Ci è sembrato comunque interessante aprire una finestra su questa professione, celebrata e riconosciuta in altre realtà, in particolare nel fumetto statunitense, ma quasi mai al centro della riflessione nel nostro Paese.
Ciao Omar e benvenuto su Lo Spazio Bianco.
Mi racconti la tua biografia e come hai iniziato a fare il letterista in Bonelli?
Ho iniziato nel maggio ’94. Era un periodo complesso perché soffrivo del morbo di Crohn e stavo molto male. Avevo lasciato architettura, da un anno preparavo panini in piazza 25 aprile a Milano. Poi ho sentito la necessità di fermarmi in qualcosa di più stabile. Maria Baitelli insisteva con mia madre perché provassi a lavorare in redazione alla Bonelli perché c’era bisogno: mi conosceva perché spesso andavo a consegnare le tavole di mia madre. Ho chiesto a mia madre di insegnarmi, lei non era molto persuasa perché il lettering è un lavoro che si fa da soli, piegati su un tavolo. Pensava che sarebbe stato difficile per me, invece consideravo il lavoro una cosa molto importante. Mi sono allenato tanto a fare balloon e nella scrittura. Ho trascorso un mese scrivendo tutto il giorno, poi sono andato in casa editrice. Maria Baitelli mi ha dato un dossier di prova, alcune tavole di Tex, Zagor, Dylan Dog, con stili standard di diverse testate forse per darmi una collocazione. Non sapendo fare le pipette ho chiesto a mia madre e lei le ha fatte per me. Ho consegnato le tavole e Maria mi ha detto: ” Va bene ma devi rifare le pipette. Qui in Bonelli vanno fatte “alla Tuis””. Ora non saprei dire se mi ha detto così perché si fosse accorta che non le avevo fatte io e voleva che trovassi il mio stile, oppure non si fosse accorta. È un aneddoto divertente. Sono tornato a casa, ho fatto io le pipette e le ho riportate a Maria che mi ha detto: “Ecco così va bene, queste sono le pipette come vanno fatte.”

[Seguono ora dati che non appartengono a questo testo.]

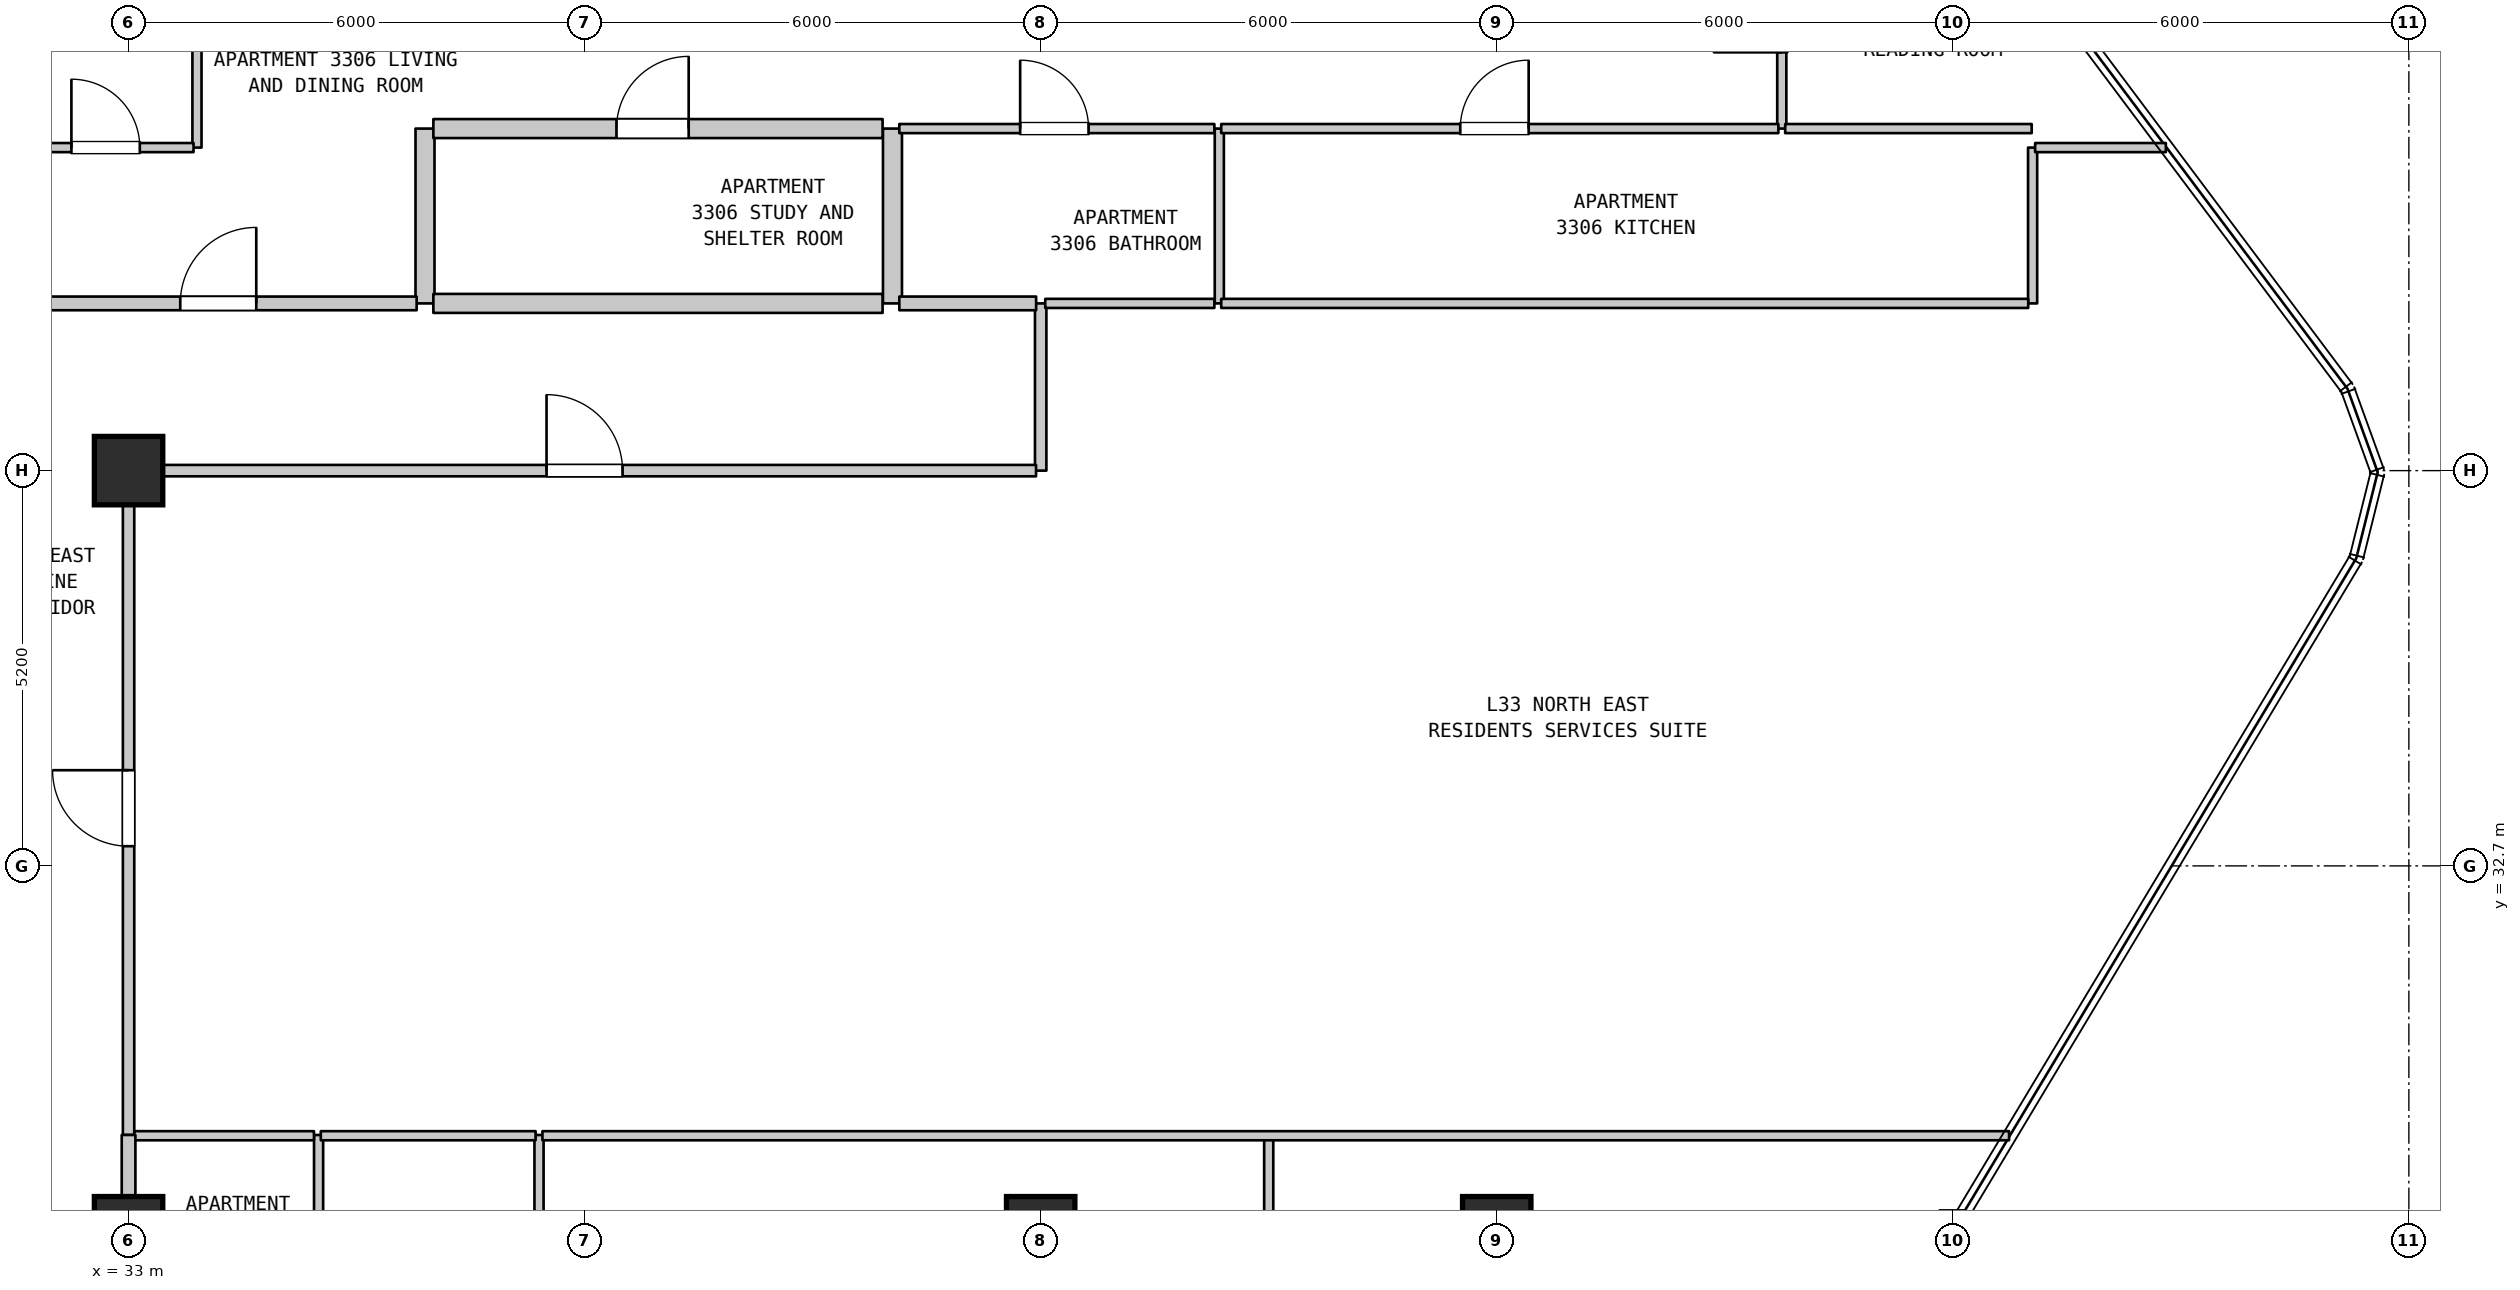
"""IFC4 building model, lengths in metres.
Left out: names, types, materials, properties, quantities, classifications, styles, units other than length and angle.
Written with IfcOpenShell. Run it as: python <this file> out.ifc"""

import sys

from ifc_helpers import new_model, si_unit, direction, frame, frame_2d, origin, origin_2d, place, context, subcontext, project, spatial, rectangle, extrude, element, fill, save


model = new_model("IFC4")
c1 = context("Model", 3, precision=1e-05, world=origin(), true_north=direction((0.0, 1.0)))
c2 = subcontext(c1, "Body", "Model", "MODEL_VIEW")
j1 = project(units=[si_unit("LENGTHUNIT", "METRE"), si_unit("PLANEANGLEUNIT", "RADIAN")], contexts=[c1])
p1 = place(None, origin())
s1 = spatial("IfcSite", under=j1, at=p1, CompositionType="ELEMENT")
p2 = place(p1, origin())
s2 = spatial("IfcBuilding", under=s1, at=p2, CompositionType="ELEMENT")
p3 = place(p2, frame((0.0, 0.0, 137.2)))
s3 = spatial("IfcBuildingStorey", under=s2, at=p3, CompositionType="ELEMENT", Elevation=137.2)
for number, where, z_axis, x_axis in (
    (1, (33.0, 27.9, 0.0), (0.0, 0.0, 1.0), (1.0, 0.0, 0.0)),
    (2, (33.0, 37.9, 0.0), (0.0, 0.0, 1.0), (1.0, 0.0, 0.0)),
    (3, (45.0, 27.9, 0.0), (0.0, 0.0, 1.0), (1.0, 0.0, 0.0)),
    (4, (51.0, 27.9, 0.0), (0.0, 0.0, 1.0), (1.0, 0.0, 0.0)),
):
    element("IfcColumn", number, at=place(p3, frame(where, z_axis=z_axis, x_axis=x_axis)), inside=s3, PredefinedType="COLUMN", context=c2, shape_type="SweptSolid", body=[
        extrude(rectangle(XDim=0.9, YDim=0.9, at=origin_2d()), origin(), (0.0, 0.0, 1.0), 3.7),
    ])
p4 = place(p3, frame((33.0, 29.16, 0.0), z_axis=(0.0, 0.0, 1.0), x_axis=(0.0, 1.0, 0.0)))
e5 = element("IfcWall", 5, at=p4, inside=s3, PredefinedType="STANDARD", context=c2, shape_type="SweptSolid", body=[
    extrude(rectangle(XDim=8.74, YDim=0.15, at=frame_2d((4.37, 0.0))), origin(), (0.0, 0.0, 1.0), 2.885),
])
p5 = place(p4, frame((3.799, 0.0, 0.0)))
e6 = element("IfcOpeningElement", 6, at=p5, cuts=e5, PredefinedType="OPENING", context=c2, shape_type="SweptSolid", body=[
    extrude(rectangle(XDim=1.0, YDim=2.15, at=frame_2d((0.5, 1.075))), frame((0.0, 0.085, 0.0), z_axis=(0.0, -1.0, 0.0), x_axis=(1.0, 0.0, 0.0)), (0.0, 0.0, 1.0), 0.17),
])
p6 = place(p3, frame((33.9, 42.15, 0.0), z_axis=(0.0, 0.0, 1.0), x_axis=(0.0, 1.0, 0.0)))
e7 = element("IfcWall", 7, at=p6, inside=s3, PredefinedType="PARTITIONING", context=c2, shape_type="SweptSolid", body=[
    extrude(rectangle(XDim=3.15, YDim=0.12, at=frame_2d((1.575, 0.0))), origin(), (0.0, 0.0, 1.0), 3.385),
])
p7 = place(p3, frame((35.5, 25.78, 0.0), z_axis=(0.0, 0.0, 1.0), x_axis=(0.0, 1.0, 0.0)))
e8 = element("IfcWall", 8, at=p7, inside=s3, PredefinedType="PARTITIONING", context=c2, shape_type="SweptSolid", body=[
    extrude(rectangle(XDim=3.38, YDim=0.12, at=frame_2d((1.69, 0.0))), origin(), (0.0, 0.0, 1.0), 3.385),
])
p8 = place(p3, frame((36.9, 40.1, 0.0), z_axis=(0.0, 0.0, 1.0), x_axis=(0.0, 1.0, 0.0)))
e9 = element("IfcWall", 9, at=p8, inside=s3, PredefinedType="STANDARD", context=c2, shape_type="SweptSolid", body=[
    extrude(rectangle(XDim=2.3, YDim=0.25, at=frame_2d((1.15, 0.0))), origin(), (0.0, 0.0, 1.0), 3.385),
])
p9 = place(p3, frame((38.4, 25.78, 0.0), z_axis=(0.0, 0.0, 1.0), x_axis=(0.0, 1.0, 0.0)))
e10 = element("IfcWall", 10, at=p9, inside=s3, PredefinedType="PARTITIONING", context=c2, shape_type="SweptSolid", body=[
    extrude(rectangle(XDim=3.38, YDim=0.12, at=frame_2d((1.69, 0.0))), origin(), (0.0, 0.0, 1.0), 3.385),
])
p10 = place(p3, frame((43.05, 40.1, 0.0), z_axis=(0.0, 0.0, 1.0), x_axis=(0.0, 1.0, 0.0)))
e11 = element("IfcWall", 11, at=p10, inside=s3, PredefinedType="STANDARD", context=c2, shape_type="SweptSolid", body=[
    extrude(rectangle(XDim=2.3, YDim=0.25, at=frame_2d((1.15, 0.0))), origin(), (0.0, 0.0, 1.0), 3.385),
])
p11 = place(p3, frame((45.0, 37.9, 0.0), z_axis=(0.0, 0.0, 1.0), x_axis=(0.0, 1.0, 0.0)))
e12 = element("IfcWall", 12, at=p11, inside=s3, PredefinedType="STANDARD", context=c2, shape_type="SweptSolid", body=[
    extrude(rectangle(XDim=2.2, YDim=0.15, at=frame_2d((1.1, 0.0))), origin(), (0.0, 0.0, 1.0), 3.385),
])
p12 = place(p3, frame((47.35, 40.1, 0.0), z_axis=(0.0, 0.0, 1.0), x_axis=(0.0, 1.0, 0.0)))
e13 = element("IfcWall", 13, at=p12, inside=s3, PredefinedType="PARTITIONING", context=c2, shape_type="SweptSolid", body=[
    extrude(rectangle(XDim=2.3, YDim=0.12, at=frame_2d((1.15, 0.0))), origin(), (0.0, 0.0, 1.0), 3.385),
])
p13 = place(p3, frame((48.0, 25.78, 0.0), z_axis=(0.0, 0.0, 1.0), x_axis=(0.0, 1.0, 0.0)))
e14 = element("IfcWall", 14, at=p13, inside=s3, PredefinedType="PARTITIONING", context=c2, shape_type="SweptSolid", body=[
    extrude(rectangle(XDim=3.38, YDim=0.12, at=frame_2d((1.69, 0.0))), origin(), (0.0, 0.0, 1.0), 3.385),
])
p14 = place(p3, frame((54.75, 42.4, 0.0), z_axis=(0.0, 0.0, 1.0), x_axis=(0.0, 1.0, 0.0)))
e15 = element("IfcWall", 15, at=p14, inside=s3, PredefinedType="PARTITIONING", context=c2, shape_type="SweptSolid", body=[
    extrude(rectangle(XDim=3.05, YDim=0.12, at=frame_2d((1.525, 0.0))), origin(), (0.0, 0.0, 1.0), 3.385),
])
p15 = place(p14, frame((1.003, 0.0, 0.0)))
e16 = element("IfcOpeningElement", 16, at=p15, cuts=e15, PredefinedType="OPENING", context=c2, shape_type="SweptSolid", body=[
    extrude(rectangle(XDim=0.9, YDim=2.15, at=frame_2d((0.45, 1.075))), frame((0.0, 0.07, 0.0), z_axis=(0.0, -1.0, 0.0), x_axis=(1.0, 0.0, 0.0)), (0.0, 0.0, 1.0), 0.14),
])
p16 = place(p3, frame((58.05, 40.1, 0.0), z_axis=(0.0, 0.0, 1.0), x_axis=(0.0, 1.0, 0.0)))
e17 = element("IfcWall", 17, at=p16, inside=s3, PredefinedType="PARTITIONING", context=c2, shape_type="SweptSolid", body=[
    extrude(rectangle(XDim=2.05, YDim=0.12, at=frame_2d((1.025, 0.0))), origin(), (0.0, 0.0, 1.0), 3.385),
])
p17 = place(p3, frame((33.075, 29.15, 0.0), z_axis=(0.0, 0.0, 1.0), x_axis=(1.0, 0.0, 0.0)))
e18 = element("IfcWall", 18, at=p17, inside=s3, PredefinedType="PARTITIONING", context=c2, shape_type="SweptSolid", body=[
    extrude(rectangle(XDim=2.364, YDim=0.12, at=frame_2d((1.182, 0.0))), origin(), (0.0, 0.0, 1.0), 3.385),
])
p18 = place(p3, frame((35.529, 29.15, 0.0), z_axis=(0.0, 0.0, 1.0), x_axis=(1.0, 0.0, 0.0)))
e19 = element("IfcWall", 19, at=p18, inside=s3, PredefinedType="PARTITIONING", context=c2, shape_type="SweptSolid", body=[
    extrude(rectangle(XDim=2.826, YDim=0.12, at=frame_2d((1.413, 0.0))), origin(), (0.0, 0.0, 1.0), 3.385),
])
p19 = place(p3, frame((38.445, 29.15, 0.0), z_axis=(0.0, 0.0, 1.0), x_axis=(1.0, 0.0, 0.0)))
e20 = element("IfcWall", 20, at=p19, inside=s3, PredefinedType="PARTITIONING", context=c2, shape_type="SweptSolid", body=[
    extrude(rectangle(XDim=19.295, YDim=0.12, at=frame_2d((9.647, 0.0))), origin(), (0.0, 0.0, 1.0), 3.385),
])
p20 = place(p3, frame((33.06, 37.9, 0.0), z_axis=(0.0, 0.0, 1.0), x_axis=(1.0, 0.0, 0.0)))
e21 = element("IfcWall", 21, at=p20, inside=s3, PredefinedType="STANDARD", context=c2, shape_type="SweptSolid", body=[
    extrude(rectangle(XDim=11.879, YDim=0.15, at=frame_2d((5.939, 0.0))), origin(), (0.0, 0.0, 1.0), 3.385),
])
p21 = place(p20, frame((5.439, 0.0, 0.0)))
e22 = element("IfcOpeningElement", 22, at=p21, cuts=e21, PredefinedType="OPENING", context=c2, shape_type="SweptSolid", body=[
    extrude(rectangle(XDim=1.0, YDim=2.15, at=frame_2d((0.5, 1.075))), frame((0.0, 0.085, 0.0), z_axis=(0.0, -1.0, 0.0), x_axis=(1.0, 0.0, 0.0)), (0.0, 0.0, 1.0), 0.17),
])
p22 = place(p3, frame((31.245, 40.1, 0.0), z_axis=(0.0, 0.0, 1.0), x_axis=(1.0, 0.0, 0.0)))
e23 = element("IfcWall", 23, at=p22, inside=s3, PredefinedType="STANDARD", context=c2, shape_type="SweptSolid", body=[
    extrude(rectangle(XDim=5.545, YDim=0.18, at=frame_2d((2.772, 0.0))), origin(), (0.0, 0.0, 1.0), 3.385),
])
p23 = place(p22, frame((2.435, 0.0, 0.0)))
e24 = element("IfcOpeningElement", 24, at=p23, cuts=e23, PredefinedType="OPENING", context=c2, shape_type="SweptSolid", body=[
    extrude(rectangle(XDim=1.0, YDim=2.15, at=frame_2d((0.5, 1.075))), frame((0.0, 0.1, 0.0), z_axis=(0.0, -1.0, 0.0), x_axis=(1.0, 0.0, 0.0)), (0.0, 0.0, 1.0), 0.2),
])
p24 = place(p3, frame((37.01, 40.1, 0.0), z_axis=(0.0, 0.0, 1.0), x_axis=(1.0, 0.0, 0.0)))
e25 = element("IfcWall", 25, at=p24, inside=s3, PredefinedType="STANDARD", context=c2, shape_type="SweptSolid", body=[
    extrude(rectangle(XDim=5.91, YDim=0.25, at=frame_2d((2.955, 0.0))), origin(), (0.0, 0.0, 1.0), 3.385),
])
p25 = place(p3, frame((43.14, 40.1, 0.0), z_axis=(0.0, 0.0, 1.0), x_axis=(1.0, 0.0, 0.0)))
e26 = element("IfcWall", 26, at=p25, inside=s3, PredefinedType="STANDARD", context=c2, shape_type="SweptSolid", body=[
    extrude(rectangle(XDim=1.8, YDim=0.18, at=frame_2d((0.9, 0.0))), origin(), (0.0, 0.0, 1.0), 3.385),
])
p26 = place(p3, frame((45.06, 40.1, 0.0), z_axis=(0.0, 0.0, 1.0), x_axis=(1.0, 0.0, 0.0)))
e27 = element("IfcWall", 27, at=p26, inside=s3, PredefinedType="PARTITIONING", context=c2, shape_type="SweptSolid", body=[
    extrude(rectangle(XDim=2.225, YDim=0.12, at=frame_2d((1.112, 0.0))), origin(), (0.0, 0.0, 1.0), 3.385),
])
p27 = place(p3, frame((47.375, 40.1, 0.0), z_axis=(0.0, 0.0, 1.0), x_axis=(1.0, 0.0, 0.0)))
e28 = element("IfcWall", 28, at=p27, inside=s3, PredefinedType="PARTITIONING", context=c2, shape_type="SweptSolid", body=[
    extrude(rectangle(XDim=10.617, YDim=0.12, at=frame_2d((5.309, 0.0))), origin(), (0.0, 0.0, 1.0), 3.385),
])
p28 = place(p3, frame((31.695, 42.15, 0.0), z_axis=(0.0, 0.0, 1.0), x_axis=(1.0, 0.0, 0.0)))
e29 = element("IfcWall", 29, at=p28, inside=s3, PredefinedType="PARTITIONING", context=c2, shape_type="SweptSolid", body=[
    extrude(rectangle(XDim=2.16, YDim=0.12, at=frame_2d((1.08, 0.0))), origin(), (0.0, 0.0, 1.0), 3.385),
])
p29 = place(p28, frame((0.553, 0.0, 0.0)))
e30 = element("IfcOpeningElement", 30, at=p29, cuts=e29, PredefinedType="OPENING", context=c2, shape_type="SweptSolid", body=[
    extrude(rectangle(XDim=0.9, YDim=2.15, at=frame_2d((0.45, 1.075))), frame((0.0, 0.07, 0.0), z_axis=(0.0, -1.0, 0.0), x_axis=(1.0, 0.0, 0.0)), (0.0, 0.0, 1.0), 0.14),
])
p30 = place(p3, frame((58.083, 42.15, 0.0), z_axis=(0.0, 0.0, 1.0), x_axis=(1.0, 0.0, 0.0)))
e31 = element("IfcWall", 31, at=p30, inside=s3, PredefinedType="PARTITIONING", context=c2, shape_type="SweptSolid", body=[
    extrude(rectangle(XDim=1.72, YDim=0.12, at=frame_2d((0.86, 0.0))), origin(), (0.0, 0.0, 1.0), 3.385),
])
p31 = place(p3, frame((37.01, 42.4, 0.0), z_axis=(0.0, 0.0, 1.0), x_axis=(1.0, 0.0, 0.0)))
e32 = element("IfcWall", 32, at=p31, inside=s3, PredefinedType="STANDARD", context=c2, shape_type="SweptSolid", body=[
    extrude(rectangle(XDim=5.91, YDim=0.25, at=frame_2d((2.955, 0.0))), origin(), (0.0, 0.0, 1.0), 3.385),
])
p32 = place(p31, frame((2.409, 0.0, 0.0)))
e33 = element("IfcOpeningElement", 33, at=p32, cuts=e32, PredefinedType="OPENING", context=c2, shape_type="SweptSolid", body=[
    extrude(rectangle(XDim=0.95, YDim=2.15, at=frame_2d((0.475, 1.075))), frame((0.0, 0.135, 0.0), z_axis=(0.0, -1.0, 0.0), x_axis=(1.0, 0.0, 0.0)), (0.0, 0.0, 1.0), 0.27),
])
p33 = place(p3, frame((43.14, 42.4, 0.0), z_axis=(0.0, 0.0, 1.0), x_axis=(1.0, 0.0, 0.0)))
e34 = element("IfcWall", 34, at=p33, inside=s3, PredefinedType="PARTITIONING", context=c2, shape_type="SweptSolid", body=[
    extrude(rectangle(XDim=4.145, YDim=0.12, at=frame_2d((2.073, 0.0))), origin(), (0.0, 0.0, 1.0), 3.385),
])
p34 = place(p33, frame((1.59, 0.0, 0.0)))
e35 = element("IfcOpeningElement", 35, at=p34, cuts=e34, PredefinedType="OPENING", context=c2, shape_type="SweptSolid", body=[
    extrude(rectangle(XDim=0.9, YDim=2.1, at=frame_2d((0.45, 1.05))), frame((0.0, 0.07, 0.0), z_axis=(0.0, -1.0, 0.0), x_axis=(1.0, 0.0, 0.0)), (0.0, 0.0, 1.0), 0.14),
])
p35 = place(p3, frame((47.375, 42.4, 0.0), z_axis=(0.0, 0.0, 1.0), x_axis=(1.0, 0.0, 0.0)))
e36 = element("IfcWall", 36, at=p35, inside=s3, PredefinedType="PARTITIONING", context=c2, shape_type="SweptSolid", body=[
    extrude(rectangle(XDim=7.33, YDim=0.12, at=frame_2d((3.665, 0.0))), origin(), (0.0, 0.0, 1.0), 3.385),
])
p36 = place(p35, frame((3.145, 0.0, 0.0)))
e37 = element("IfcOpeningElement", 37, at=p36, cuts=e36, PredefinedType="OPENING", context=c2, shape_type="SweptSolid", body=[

Negli Stati Uniti ci sono importati letteristi dei fumetti supereroistici considerati delle celebrità. Dagli anni ‘90 in poi, superata la fase artigianale, con l’arrivo nel fumetto della grafica digitale e la nascita della Image nasce un trend di lettering molto aggressivo. Alcuni hanno inventato degli stili personale e sono diventati dei punti di riferimento.
Sì, io mi sono sempre sentito imbrigliato nella schematicità che bisognava seguire. A un certo punto ho fatto di necessità virtù.
L’ambito Bonelli richiede un livello di standardizzazione molto forte. Nella percezione del lettore ci sono pochi spazi per innovare, almeno fino a poco tempo fa.
Uno dei pochi fumetti Bonelli dove c’era uno spazio di creatività importante è stato Gea di Luca Enoch, che ha chiesto a mia madre Renata che anche il lettering partecipasse al fumetto in maniera creativa. Mentre nello standard Bonelli, data la vasta produzione e per la necessità di effettuare delle modifiche anche dopo il lavoro del letterista, si richiede la possibilità di accedere al lavoro fatto in maniera semplice. Si è creato uno standard che viene applicato a tutte le testate, anche se ci sono alcune eccezioni. Per esempio alcuni fumetti di Tex e Zagor, dove la didascalia è appoggiata al margine della vignetta, o in Nathan Never dove la didascalia galleggia nel vuoto. Questi sono accordi a cui ci si abitua facilmente: anche in questa modalità diventano degli standard.
Raccontami com’è il processo di lavoro. Come lavori oggi in digitale?
Il lettering su cartaceo (su originale o su etichette) è sostanzialmente uguale al digitale: con Photoshop, la casa editrice ci fornisce un font, prodotto a mano all’interno da un grafico, simile a quello manuale.
Il digitale ha velocizzato il lavoro, dal momento che gli interventi di correzione e modifica delle posizioni dei balloon sono velocemente accessibili, mentre un tempo nel cartaceo dovevi semplicemente rifare tutto da capo. Il digitale si cancella e si rifà. Sergio Bonelli voleva mantenere l’artigianalità, voleva che il lettore percepisse il senso del fatto a mano. Per fortuna.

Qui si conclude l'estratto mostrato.